Jack spread the photos across the table, starting at them.
“It’s a theory, Jack, that’s all. But it’s our best working theory. If we could spend one hundred percent of our time on Rosa Rodriguez, we’d know for sure. But you know how it is. How backed up we are. Those hills are full of coyotes and mountain lions. We think one of them dragged Rosa off, that her bones are scattered over the rocks.”
“But you don’t know for sure,” Jack said. “Why don’t you get your fellow Wolves and go find her remains?”
“‘Remains’? You don’t know that’s what you’d be looking for. She might have made it,” Julia said. “There’s no proof of her death!”
“Julia, proof of death is rare in the desert. We do our best, but do you how many people we identify? A small percentage,” Latham said.
“Needle in a haystack, Julia. Don’t get your hopes up,” Jack said.
“But without a body . . . even bones . . . If any had been collected, they would be in a morgue, and Juan would have found the data,” she said.
“We consider the sneakers to be a strong indication that she is dead,” Latham said.
“Did you find her doll? Maria?”
“No. But we matched the blood with her father’s. We DNA-tested him when he was arrested.”
“Then why didn’t you tell him?”
“Where would we find him?” Jack asked. “He’s undocumented. The last thing he wants is for his address to be known by ICE. Forget about this, Julia. It’s very sad; I know it’s not what you hoped for. Try to let it go.”
“That is wise advice,” Latham said. “As hard as it is to accept, she’s just another border casualty.”
“She’s also someone’s daughter,” Julia said.
Roberto
Julia had left him that phone message, and he’d saved it and listened to it many times. The sound of her voice, speaking just to him, so soft and beautiful, saying his name. He wanted to save it forever.
She didn’t come home until two nights later. He heard her car come up the cobblestoned driveway. The car door slammed, and she let herself into the house. He lay on his narrow bed, hypervigilant for any sound. He stared out the open door toward the barn because he knew when she turned off the house lights, he’d see their reflection on the weathered red boards disappear.

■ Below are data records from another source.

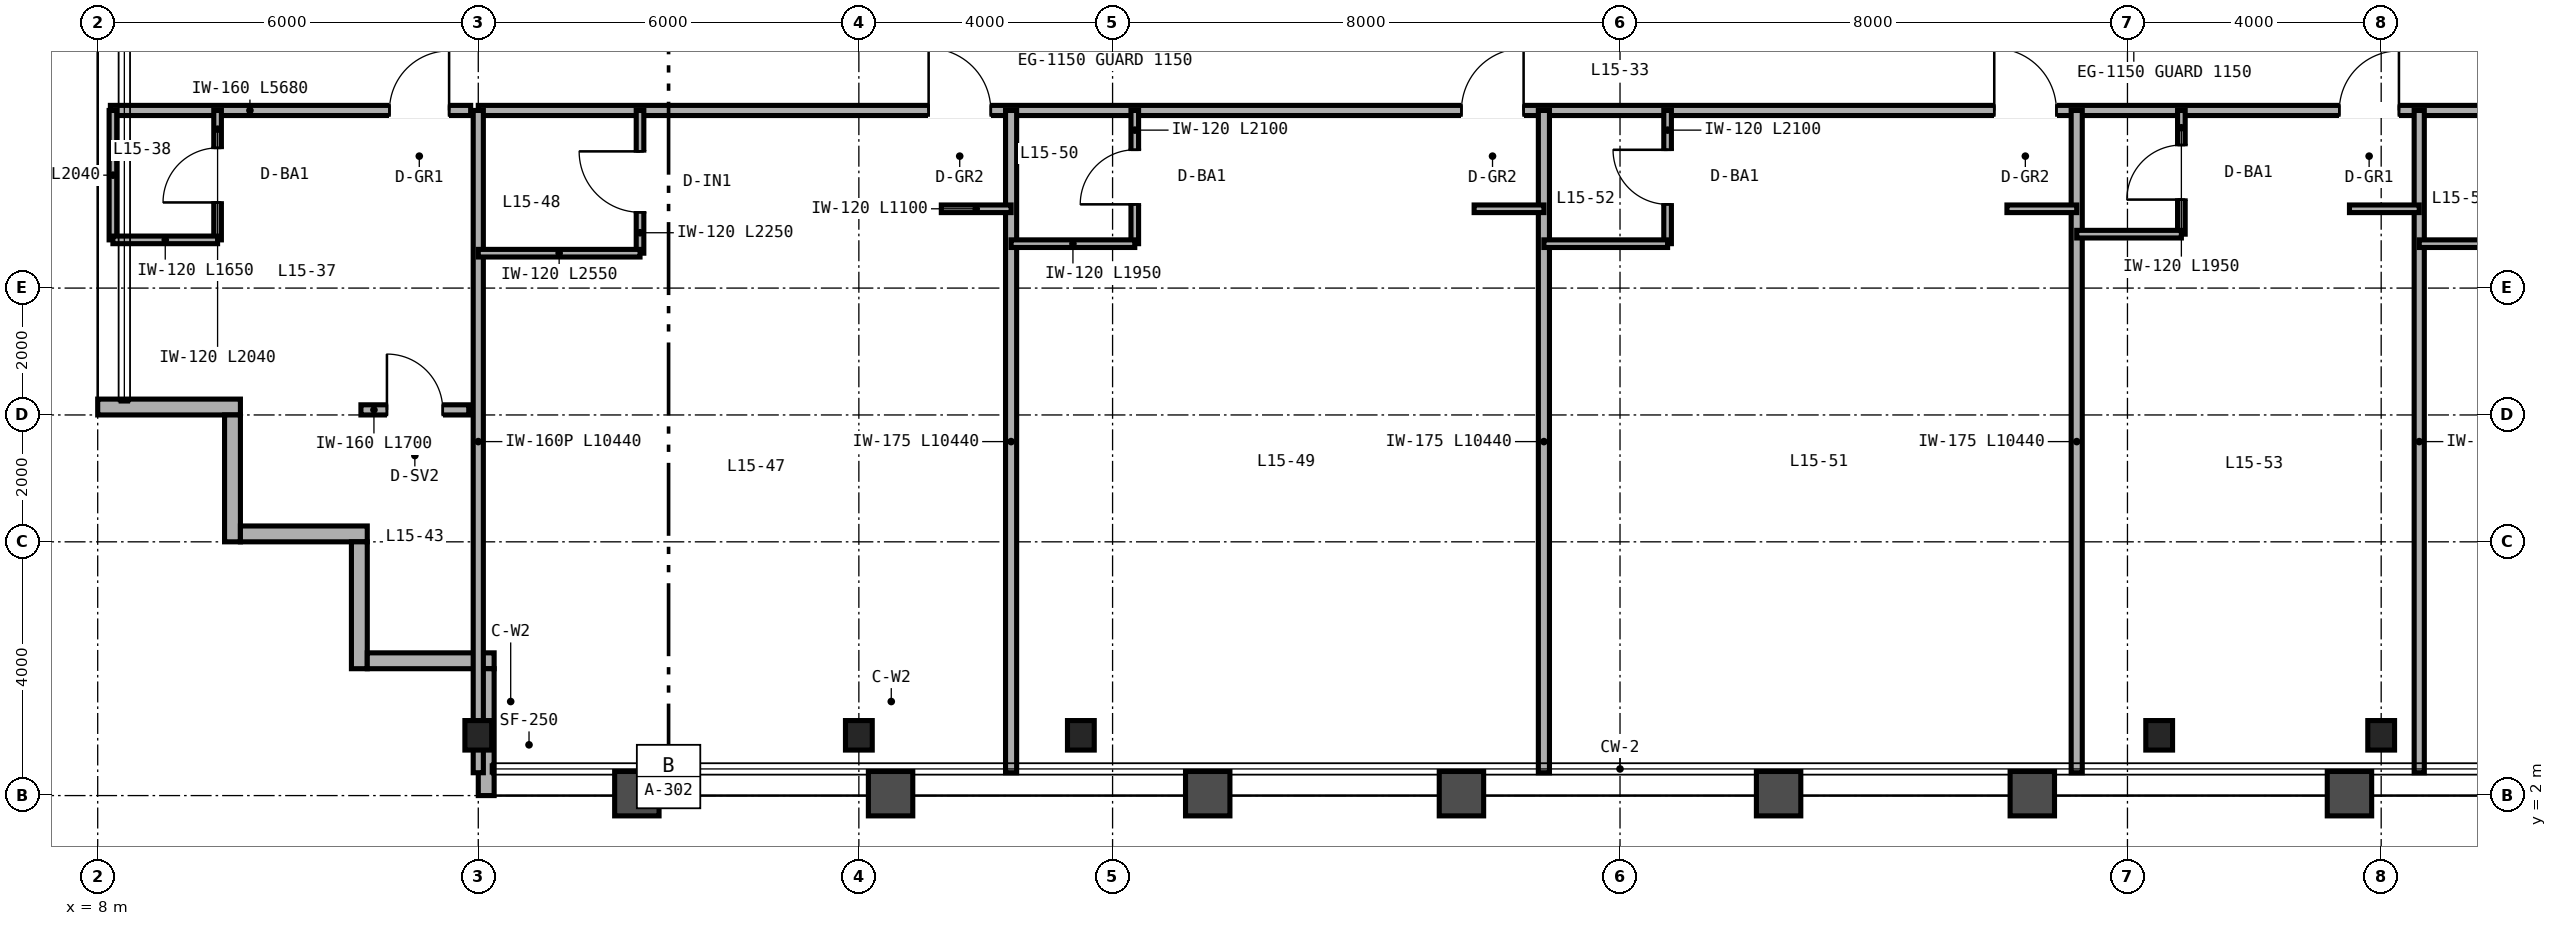
"""IFC4 building model, lengths in metres.
Left out: names, types, materials, properties, quantities, classifications, styles, units other than length and angle.
Written with IfcOpenShell. Run it as: python <this file> out.ifc"""

import sys

from ifc_helpers import new_model, si_unit, direction, frame, frame_2d, origin, origin_2d, place, context, subcontext, project, spatial, rectangle, i_section, extrude, source, transform, mapped, element, fill, save


model = new_model("IFC4")
c1 = context("Model", 3, precision=1e-05, world=origin(), true_north=direction((0.0, 1.0)))
c2 = subcontext(c1, "Body", "Model", "MODEL_VIEW")
j1 = project(units=[si_unit("LENGTHUNIT", "METRE"), si_unit("PLANEANGLEUNIT", "RADIAN")], contexts=[c1])
p1 = place(None, origin())
s1 = spatial("IfcSite", under=j1, at=p1, CompositionType="ELEMENT")
p2 = place(p1, origin())
s2 = spatial("IfcBuilding", under=s1, at=p2, CompositionType="ELEMENT")
p3 = place(p2, frame((0.0, 0.0, 63.6)))
s3 = spatial("IfcBuildingStorey", under=s2, at=p3, CompositionType="ELEMENT", Elevation=63.6)
m1 = source(origin(), c2, "Body", "SweptSolid", [
    extrude(i_section(OverallWidth=0.422, OverallDepth=0.465, WebThickness=0.045, FlangeThickness=0.073, FilletRadius=0.025, at=origin_2d()), origin(), (0.0, 0.0, 1.0), 3.35),
])
for number, where, z_axis, x_axis in (
    (1, (14.0, 2.95, 0.0), (0.0, 0.0, 1.0), (1.0, 0.0, 0.0)),
    (2, (20.0, 2.95, 0.0), (0.0, 0.0, 1.0), (1.0, 0.0, 0.0)),
    (3, (23.5, 2.95, 0.0), (0.0, 0.0, 1.0), (1.0, 0.0, 0.0)),
    (4, (40.5, 2.95, 0.0), (0.0, 0.0, 1.0), (1.0, 0.0, 0.0)),
    (5, (44.0, 2.95, 0.0), (0.0, 0.0, 1.0), (1.0, 0.0, 0.0)),
):
    element("IfcColumn", number, at=place(p3, frame(where, z_axis=z_axis, x_axis=x_axis)), inside=s3, PredefinedType="COLUMN", context=c2, shape_type="MappedRepresentation", body=[
        mapped(m1, transform((0.0, 0.0, 0.0), scale=1.0)),
    ])
p4 = place(p3, frame((8.0, 8.125, 0.0), z_axis=(0.0, 0.0, 1.0), x_axis=(1.0, 0.0, 0.0)))
e6 = element("IfcWall", 6, at=p4, inside=s3, PredefinedType="SOLIDWALL", context=c2, shape_type="SweptSolid", body=[
    extrude(rectangle(XDim=2.25, YDim=0.25, at=frame_2d((1.125, 0.0))), origin(), (0.0, 0.0, 1.0), 3.35),
])
for number, where, z_axis, x_axis in (
    (7, (10.125, 8.0, 0.0), (0.0, 0.0, 1.0), (0.0, -1.0, 0.0)),
    (8, (10.25, 6.125, 0.0), (0.0, 0.0, 1.0), (1.0, 0.0, 0.0)),
    (9, (12.125, 6.0, 0.0), (0.0, 0.0, 1.0), (0.0, -1.0, 0.0)),
    (10, (12.25, 4.125, 0.0), (0.0, 0.0, 1.0), (1.0, 0.0, 0.0)),
):
    element("IfcWall", number, at=place(p3, frame(where, z_axis=z_axis, x_axis=x_axis)), inside=s3, PredefinedType="SOLIDWALL", context=c2, shape_type="SweptSolid", body=[
        extrude(rectangle(XDim=2.0, YDim=0.25, at=frame_2d((1.0, 0.0))), origin(), (0.0, 0.0, 1.0), 3.35),
    ])
p5 = place(p3, frame((14.125, 4.0, 0.0), z_axis=(0.0, 0.0, 1.0), x_axis=(0.0, -1.0, 0.0)))
e11 = element("IfcWall", 11, at=p5, inside=s3, PredefinedType="SOLIDWALL", context=c2, shape_type="SweptSolid", body=[
    extrude(rectangle(XDim=2.0, YDim=0.25, at=frame_2d((1.0, 0.0))), origin(), (0.0, 0.0, 1.0), 2.657),
])
p6 = place(p3, frame((8.2, 12.8, 0.0), z_axis=(0.0, 0.0, 1.0), x_axis=(1.0, 0.0, 0.0)))
e12 = element("IfcWall", 12, at=p6, inside=s3, PredefinedType="PARTITIONING", context=c2, shape_type="SweptSolid", body=[
    extrude(rectangle(XDim=5.68, YDim=0.16, at=frame_2d((2.84, 0.0))), origin(), (0.0, 0.0, 1.0), 3.35),
])
p7 = place(p6, frame((4.4, 0.0, 0.0)))
e13 = element("IfcOpeningElement", 13, at=p7, cuts=e12, PredefinedType="OPENING", context=c2, shape_type="SweptSolid", body=[
    extrude(rectangle(XDim=0.94, YDim=2.15, at=frame_2d((0.47, 1.075))), frame((0.0, 0.09, 0.0), z_axis=(0.0, -1.0, 0.0), x_axis=(1.0, 0.0, 0.0)), (0.0, 0.0, 1.0), 0.18),
])
p8 = place(p3, frame((9.89, 10.76, 0.0), z_axis=(0.0, 0.0, 1.0), x_axis=(0.0, 1.0, 0.0)))
e14 = element("IfcWall", 14, at=p8, inside=s3, PredefinedType="PARTITIONING", context=c2, shape_type="SweptSolid", body=[
    extrude(rectangle(XDim=2.04, YDim=0.12, at=frame_2d((1.02, 0.0))), origin(), (0.0, 0.0, 1.0), 3.35),
])
p9 = place(p8, frame((0.59, 0.0, 0.0)))
e15 = element("IfcOpeningElement", 15, at=p9, cuts=e14, PredefinedType="OPENING", context=c2, shape_type="SweptSolid", body=[
    extrude(rectangle(XDim=0.86, YDim=2.1, at=frame_2d((0.43, 1.05))), frame((0.0, 0.07, 0.0), z_axis=(0.0, -1.0, 0.0), x_axis=(1.0, 0.0, 0.0)), (0.0, 0.0, 1.0), 0.14),
])
p10 = place(p3, frame((8.24, 10.76, 0.0), z_axis=(0.0, 0.0, 1.0), x_axis=(0.0, 1.0, 0.0)))
e16 = element("IfcWall", 16, at=p10, inside=s3, PredefinedType="PARTITIONING", context=c2, shape_type="SweptSolid", body=[
    extrude(rectangle(XDim=2.04, YDim=0.12, at=frame_2d((1.02, 0.0))), origin(), (0.0, 0.0, 1.0), 3.35),
])
p11 = place(p3, frame((8.24, 10.76, 0.0), z_axis=(0.0, 0.0, 1.0), x_axis=(1.0, 0.0, 0.0)))
e17 = element("IfcWall", 17, at=p11, inside=s3, PredefinedType="PARTITIONING", context=c2, shape_type="SweptSolid", body=[
    extrude(rectangle(XDim=1.65, YDim=0.12, at=frame_2d((0.825, 0.0))), origin(), (0.0, 0.0, 1.0), 3.35),
])
p12 = place(p3, frame((12.15, 8.08, 0.0), z_axis=(0.0, 0.0, 1.0), x_axis=(1.0, 0.0, 0.0)))
e18 = element("IfcWall", 18, at=p12, inside=s3, PredefinedType="PARTITIONING", context=c2, shape_type="SweptSolid", body=[
    extrude(rectangle(XDim=1.7, YDim=0.16, at=frame_2d((0.85, 0.0))), origin(), (0.0, 0.0, 1.0), 3.35),
])
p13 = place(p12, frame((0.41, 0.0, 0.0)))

But the house lights stayed on. Soon the door opened again. He thought she must be walking Bonnie, and he considered joining her. But would it be an intrusion? She had left that phone message. Did that mean anything? He felt that she respected him, but he’d also heard something else in her voice, a closeness different from anything he had in his life.
Before he had the chance to walk out and meet her and Bonnie, her footsteps came down the hill toward his cabin. By the time she knocked on his door, his heart was racing.
“Roberto,” she said. “I’m sorry it’s so late.”
“That’s okay, Julia. Are you all right?”
She didn’t reply. He stood there in his work jeans and T-shirt. There was a square table and two chairs in the corner. He held one out for her, and she sat down. He turned on a lamp and sat across from her. Maybe he should offer her coffee or tea, but he couldn’t take his eyes off her.
She was right here, in his cabin. Her blue eyes were on fire, she seemed agitated, so he reached across the table to hold her hand.
“Hola, Julia,” he said.
“Hola.” Finally, a smile. But it was fleeting, here and gone.
“What’s wrong?” he asked.
“I wanted to wait until tomorrow,” she said. “Let you have a good night’s sleep . . .”
“I don’t need sleep.” And holding her hand, he felt he didn’t need anything—food, air, water, sleep, if he could just stay here like this.
“I took a trip to learn about Rosa,” she said. “I should have told you before I left, but we had that talk, and I know you were very upset.”
“I’m sorry for how I acted,” he said. “My feelings—they weren’t because of you. They had to do with Rosa. I never talk about her the way I do with you.”